Kate Clanchy, a teacher and writer whose popular memoir has inspired readers for the past three years, now realizes she was wrong. Those words were not, in fact, inspiring. They were “racist” and “ableist.” At least, that’s what the internet says.
Some Kids I Taught and What They Taught Me publisher Picador Books (which, of course, has a virtue-signal rainbow in its Twitter profile image) announced this week Clanchy would work with the company to update the “problematic” work.
“Kate Clanchy is extremely sorry for the upset caused by her book and is grateful for the insights of writers and communities affected by it,” the publisher tweeted on Wednesday. “Picador proposes to consult an appropriate group of specialist readers about the update and hopes to release a new edition in the autumn.”
For her part, the U.K. writer tweeted, “I know I got many things wrong, and welcome the chance to write better, more lovingly.”
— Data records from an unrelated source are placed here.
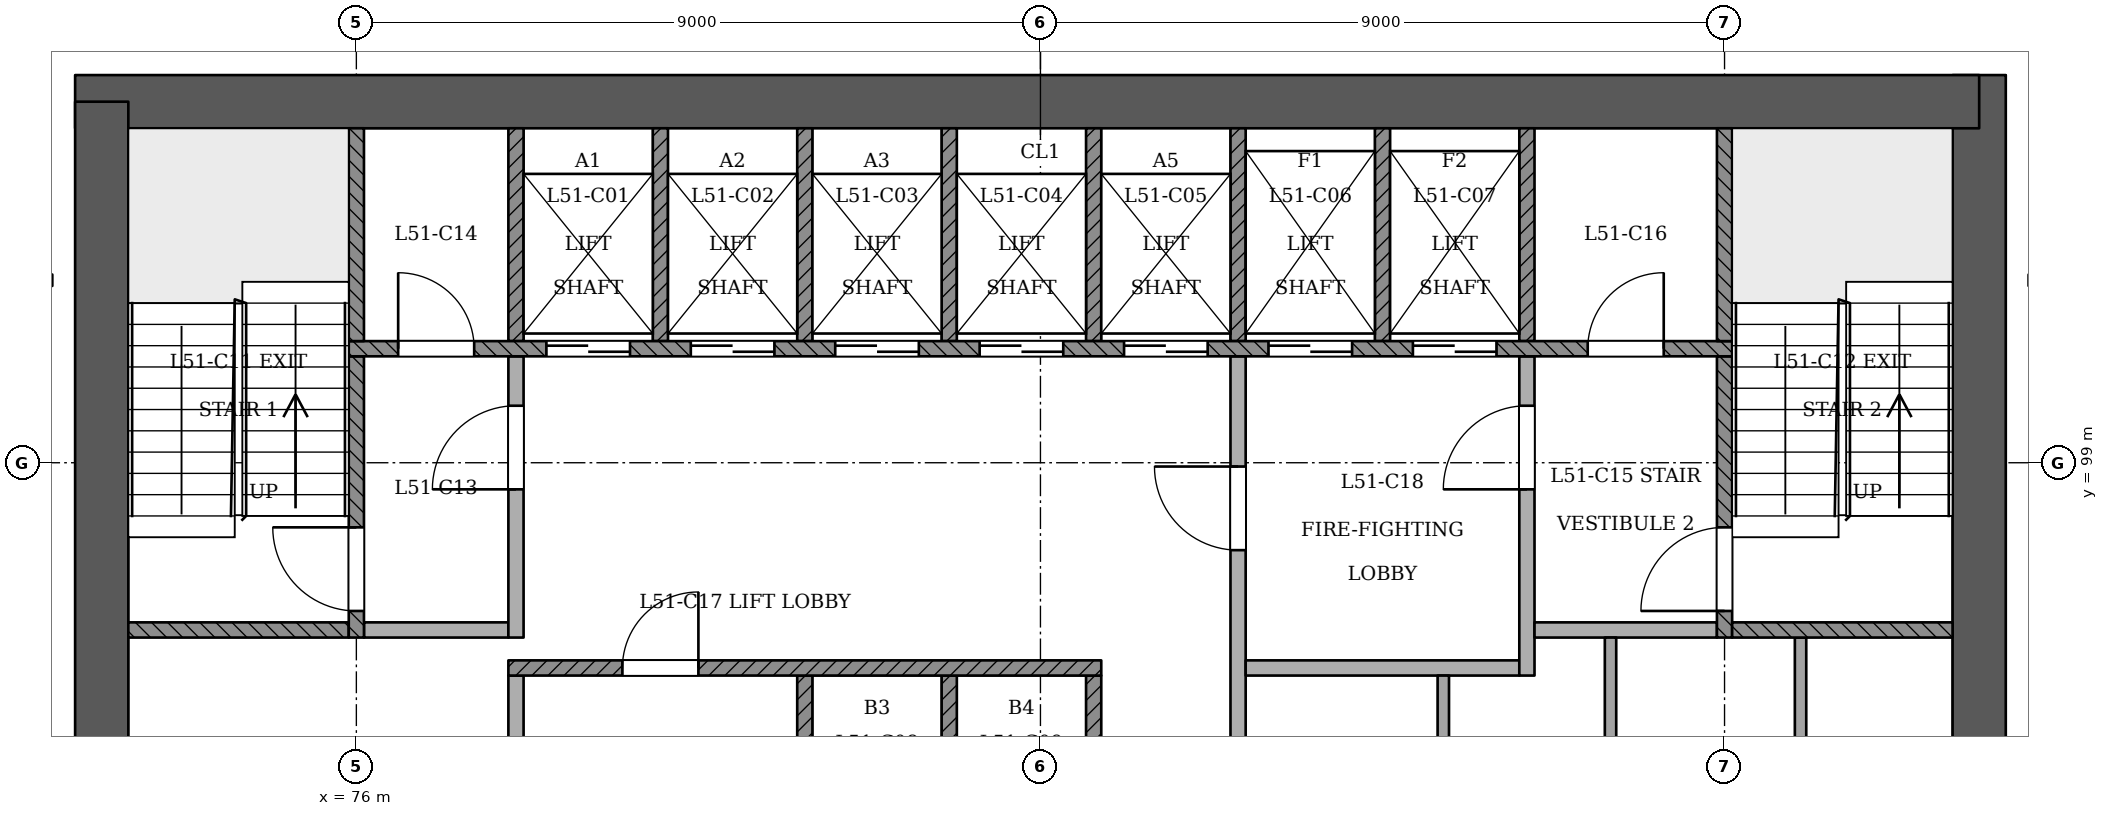
"""IFC4 building model, lengths in metres.
Left out: names, types, materials, properties, quantities, classifications, styles, units other than length and angle.
Written with IfcOpenShell. Run it as: python <this file> out.ifc"""

import sys

from ifc_helpers import new_model, si_unit, direction, frame, frame_2d, origin, place, context, subcontext, project, spatial, rectangle, extrude, element, fill, save


model = new_model("IFC4")
c1 = context("Model", 3, precision=1e-05, world=origin(), true_north=direction((0.0, 1.0)))
c2 = subcontext(c1, "Body", "Model", "MODEL_VIEW")
j1 = project(units=[si_unit("LENGTHUNIT", "METRE"), si_unit("PLANEANGLEUNIT", "RADIAN")], contexts=[c1])
p1 = place(None, origin())
s1 = spatial("IfcSite", under=j1, at=p1, CompositionType="ELEMENT")
p2 = place(p1, origin())
s2 = spatial("IfcBuilding", under=s1, at=p2, CompositionType="ELEMENT")
p3 = place(p2, frame((0.0, 0.0, 198.0)))
s3 = spatial("IfcBuildingStorey", under=s2, at=p3, CompositionType="ELEMENT", Elevation=198.0)
p4 = place(p3, frame((97.35, 93.05, 0.0), z_axis=(0.0, 0.0, 1.0), x_axis=(0.0, 1.0, 0.0)))
e1 = element("IfcWall", 1, at=p4, inside=s3, PredefinedType="SHEAR", context=c2, shape_type="SweptSolid", body=[
    extrude(rectangle(XDim=11.05, YDim=0.7, at=frame_2d((5.525, 0.0))), origin(), (0.0, 0.0, 1.0), 3.6),
])
p5 = place(p3, frame((97.35, 103.75, 0.0), z_axis=(0.0, 0.0, 1.0), x_axis=(-1.0, 0.0, 0.0)))
e2 = element("IfcWall", 2, at=p5, inside=s3, PredefinedType="SHEAR", context=c2, shape_type="SweptSolid", body=[
    extrude(rectangle(XDim=25.05, YDim=0.7, at=frame_2d((12.525, 0.0))), origin(), (0.0, 0.0, 1.0), 3.6),
])
p6 = place(p3, frame((72.65, 103.75, 0.0), z_axis=(0.0, 0.0, 1.0), x_axis=(0.0, -1.0, 0.0)))
e3 = element("IfcWall", 3, at=p6, inside=s3, PredefinedType="SHEAR", context=c2, shape_type="SweptSolid", body=[
    extrude(rectangle(XDim=11.05, YDim=0.7, at=frame_2d((5.525, 0.0))), origin(), (0.0, 0.0, 1.0), 3.6),
])
p7 = place(p3, frame((78.1, 93.4, 0.0), z_axis=(0.0, 0.0, 1.0), x_axis=(0.0, 1.0, 0.0)))
e4 = element("IfcWall", 4, at=p7, inside=s3, PredefinedType="PARTITIONING", context=c2, shape_type="SweptSolid", body=[
    extrude(rectangle(XDim=2.8, YDim=0.2, at=frame_2d((1.4, 0.0))), origin(), (0.0, 0.0, 1.0), 3.15),
])
for number, where, z_axis, x_axis in (
    (5, (81.9, 93.4, 0.0), (0.0, 0.0, 1.0), (0.0, 1.0, 0.0)),
    (6, (83.8, 93.4, 0.0), (0.0, 0.0, 1.0), (0.0, 1.0, 0.0)),
    (7, (85.7, 93.4, 0.0), (0.0, 0.0, 1.0), (0.0, 1.0, 0.0)),
):
    element("IfcWall", number, at=place(p3, frame(where, z_axis=z_axis, x_axis=x_axis)), inside=s3, PredefinedType="SOLIDWALL", context=c2, shape_type="SweptSolid", body=[
        extrude(rectangle(XDim=2.8, YDim=0.2, at=frame_2d((1.4, 0.0))), origin(), (0.0, 0.0, 1.0), 3.15),
    ])
p8 = place(p3, frame((87.6, 93.4, 0.0), z_axis=(0.0, 0.0, 1.0), x_axis=(0.0, 1.0, 0.0)))
e8 = element("IfcWall", 8, at=p8, inside=s3, PredefinedType="PARTITIONING", context=c2, shape_type="SweptSolid", body=[
    extrude(rectangle(XDim=7.0, YDim=0.2, at=frame_2d((3.5, 0.0))), origin(), (0.0, 0.0, 1.0), 3.15),
])
p9 = place(p8, frame((4.45, 0.0, 0.0)))
e9 = element("IfcOpeningElement", 9, at=p9, cuts=e8, PredefinedType="OPENING", context=c2, shape_type="SweptSolid", body=[
    extrude(rectangle(XDim=1.1, YDim=2.1, at=frame_2d((0.55, 1.05))), frame((0.0, 0.11, 0.0), z_axis=(0.0, -1.0, 0.0), x_axis=(1.0, 0.0, 0.0)), (0.0, 0.0, 1.0), 0.221),
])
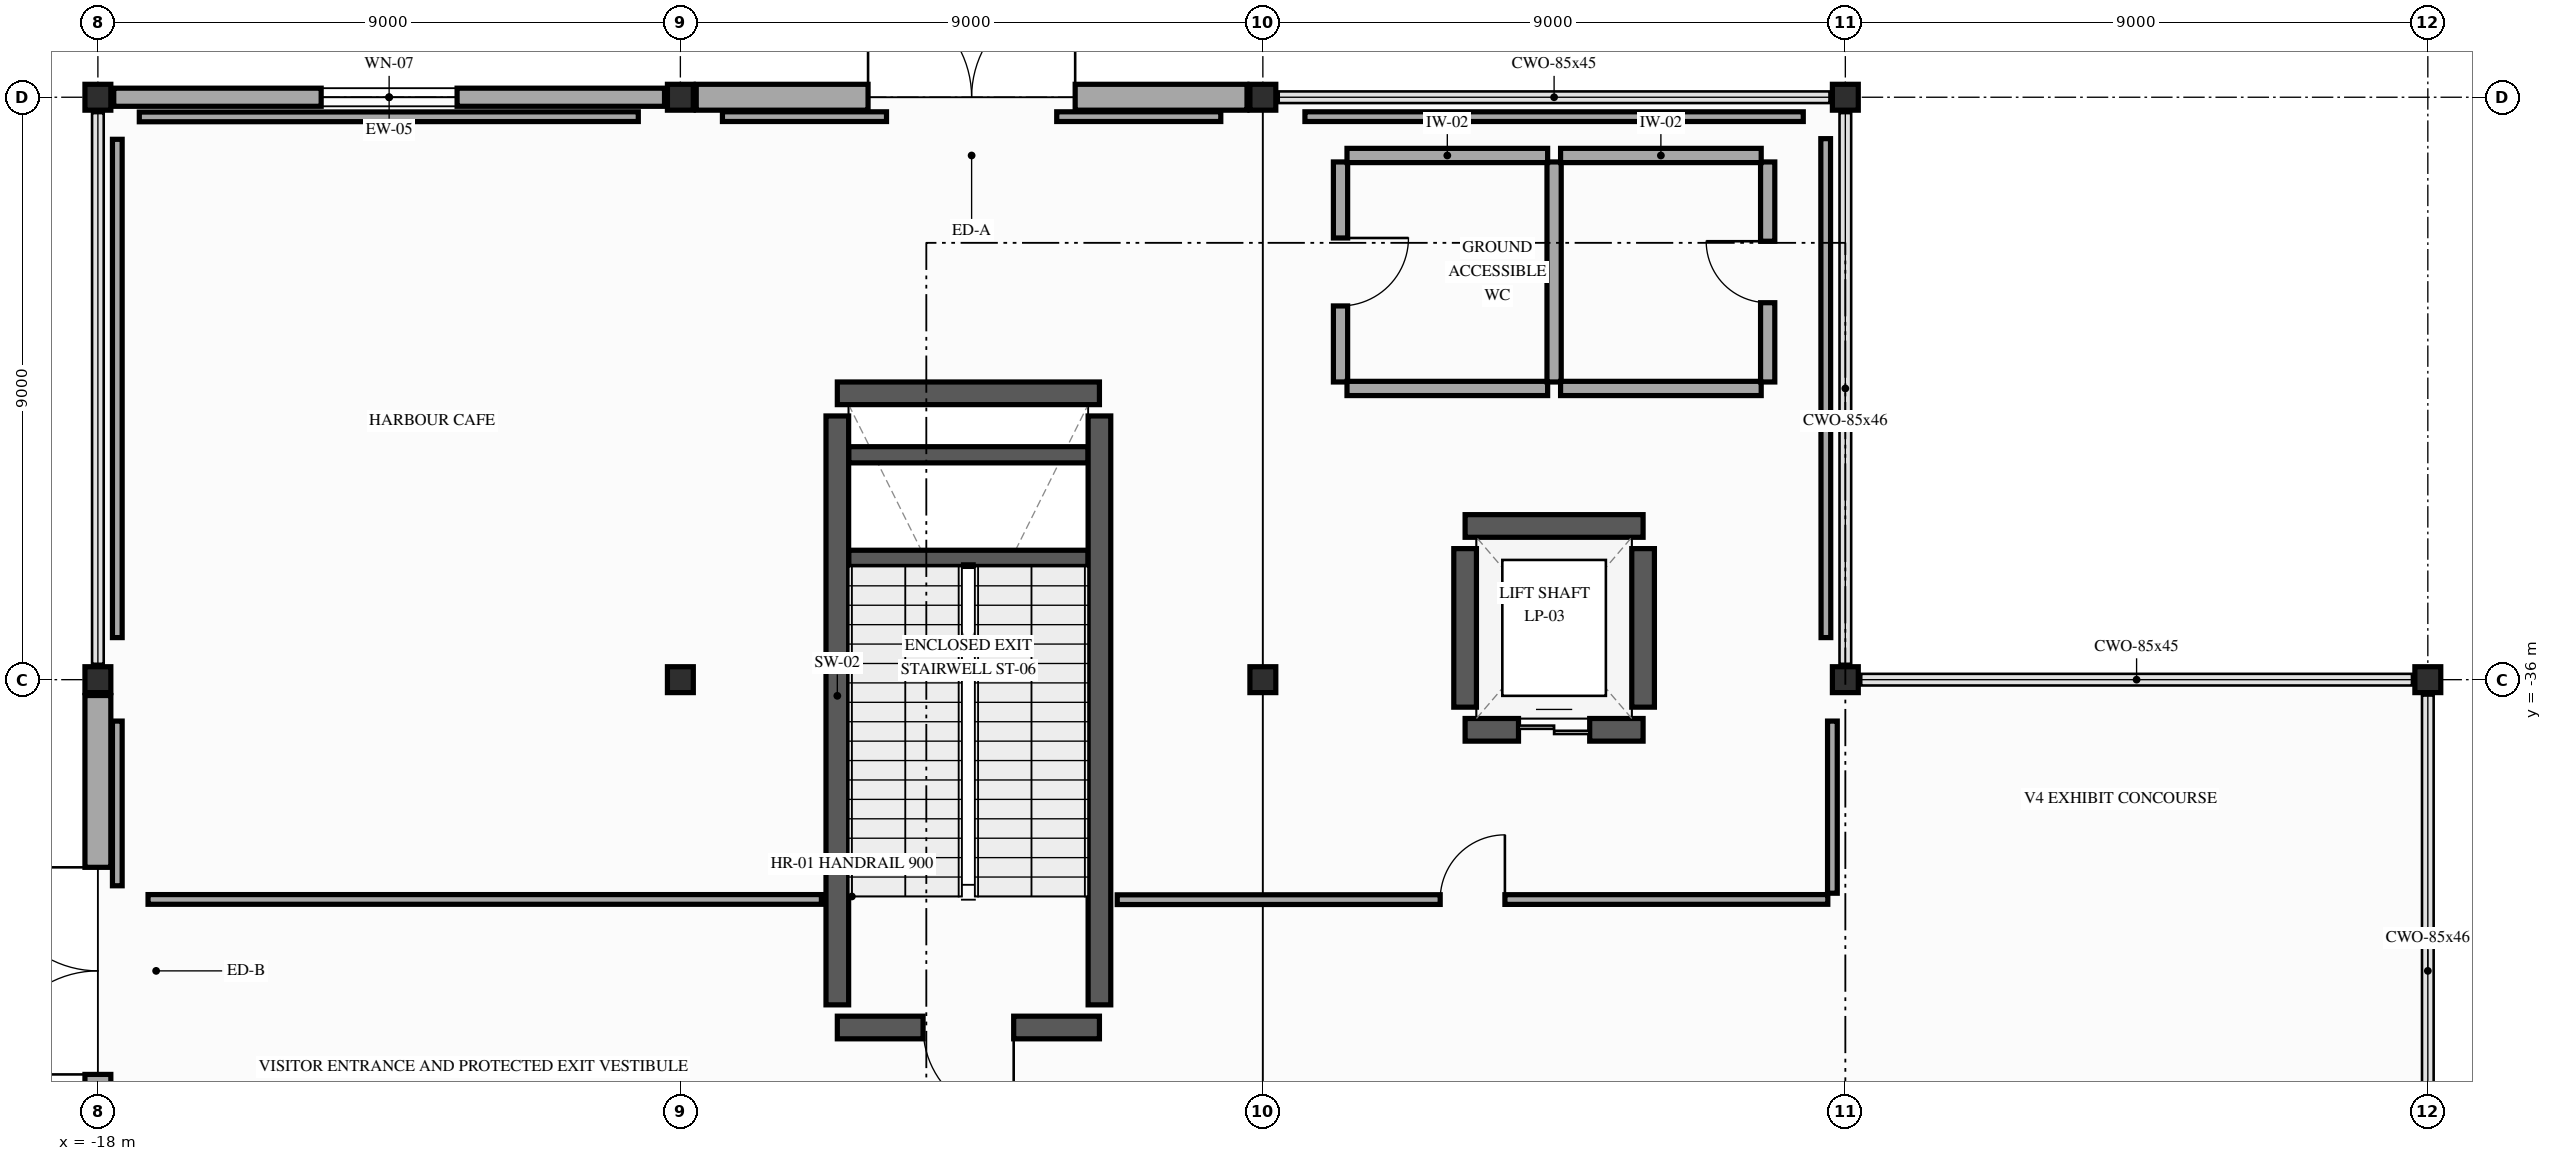
"""IFC4 building model, lengths in metres.
Left out: names, types, materials, properties, quantities, classifications, styles, units other than length and angle.
Written with IfcOpenShell. Run it as: python <this file> out.ifc"""

import sys

from ifc_helpers import new_model, si_unit, direction, frame, frame_2d, origin, origin_2d, place, context, subcontext, project, spatial, rectangle, i_section, extrude, element, fill, save


model = new_model("IFC4")
c1 = context("Model", 3, precision=1e-05, world=origin(), true_north=direction((0.0, 1.0)))
c2 = subcontext(c1, "Body", "Model", "MODEL_VIEW")
j1 = project(units=[si_unit("LENGTHUNIT", "METRE"), si_unit("PLANEANGLEUNIT", "RADIAN")], contexts=[c1])
p1 = place(None, origin())
s1 = spatial("IfcSite", under=j1, at=p1, CompositionType="ELEMENT")
p2 = place(p1, origin())
s2 = spatial("IfcBuilding", under=s1, at=p2, CompositionType="ELEMENT")
p3 = place(p2, origin())
s3 = spatial("IfcBuildingStorey", under=s2, at=p3, CompositionType="ELEMENT", Elevation=0.0)
for number, where, z_axis, x_axis in (
    (1, (-18.0, -36.0, 0.0), (0.0, 0.0, 1.0), (1.0, 0.0, 0.0)),
    (2, (-18.0, -27.0, 0.0), (0.0, 0.0, 1.0), (1.0, 0.0, 0.0)),
    (3, (-9.0, -36.0, 0.0), (0.0, 0.0, 1.0), (1.0, 0.0, 0.0)),
    (4, (-9.0, -27.0, 0.0), (0.0, 0.0, 1.0), (1.0, 0.0, 0.0)),
    (5, (0.0, -36.0, 0.0), (0.0, 0.0, 1.0), (1.0, 0.0, 0.0)),
    (6, (0.0, -27.0, 0.0), (0.0, 0.0, 1.0), (1.0, 0.0, 0.0)),
    (7, (9.0, -36.0, 0.0), (0.0, 0.0, 1.0), (1.0, 0.0, 0.0)),
    (8, (9.0, -27.0, 0.0), (0.0, 0.0, 1.0), (1.0, 0.0, 0.0)),
    (9, (18.0, -36.0, 0.0), (0.0, 0.0, 1.0), (1.0, 0.0, 0.0)),
):
    element("IfcColumn", number, at=place(p3, frame(where, z_axis=z_axis, x_axis=x_axis)), inside=s3, PredefinedType="COLUMN", context=c2, shape_type="SweptSolid", body=[
        extrude(i_section(OverallWidth=0.4, OverallDepth=0.4, WebThickness=0.013, FlangeThickness=0.021, FilletRadius=0.022, at=origin_2d()), origin(), (0.0, 0.0, 1.0), 5.4),
    ])
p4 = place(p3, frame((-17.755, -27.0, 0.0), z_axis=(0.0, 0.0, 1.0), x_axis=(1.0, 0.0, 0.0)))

What happened? Did Picador Books discover Clanchy is some sort of insidious child abuser? Of course not. Some readers simply chose to create a controversy over the way Clanchy described the children she taught over her 30-year career as an educator.
According to critics, “chocolate-coloured skin” and “almond-shaped eyes” are not just clichéd descriptions — they are “racial tropes.” Clanchy writes of two autistic children that “probably, more than an hour a week” with them “would irritate me, too, but for that hour I like them very much.” It may not sound nice, but Clanchy is certainly honest about her experience as a teacher. Isn’t that what writing an autobiography about your work is all about?
Other descriptions throughout the book may sound blunt or, to a world trained to see all white people talking about race (except for Robin DiAngelo) as bad, racially insensitive.
But the real problem critics have doesn’t seem always to hinge on Clanchy’s specific characterizations. Part of their critique is she bothers to have an opinion at all. One author criticizing Clanchy writes, “In my own memoir … I refused to use physical descriptors for anyone.” So, was that one character black or white? It doesn’t matter — the author doesn’t see color! Oh wait, that’s problematic too.
An article from the Mary Sue complains the book “already has a faint whiff of white saviorism and imperial gaze, and that is before getting into the word choice that started the discourse on it.”
Ironically, the Orwell Foundation also weighed in, only to add an incredibly diplomatic ode to Clanchy’s right to express herself. “The foundation understands the importance of language and encourages open and careful debate about all the work which comes through our prizes,” it said of the book, which won the Orwell Prize for Political Writing in 2020. “Everyone should be able to engage in these discussions, on any platform, without fear of abuse.”
It must be hard to be an author these days — you don’t know if you should include more diversity in your books or if you’ll be criticized for writing outside of your experience. Even if you’re the wokest of them all, you still risk writing an insensitive plot that will tank your novel entirely.
Basically, you have two choices: You can write a book, reviewed by dozens of “sensitivity readers” who will strip all creativity and boldness from your work and hopefully escape the mob — or you can write a book as you please and wait for angry readers to strike. If you choose the latter, don’t claim the excerpts of your book floating around the internet are “made up,” as Clanchy originally did. Own your work.
Until more people are willing to stand by their convictions in the face of those who would like to silence them, we’re going to see a lot more reprints.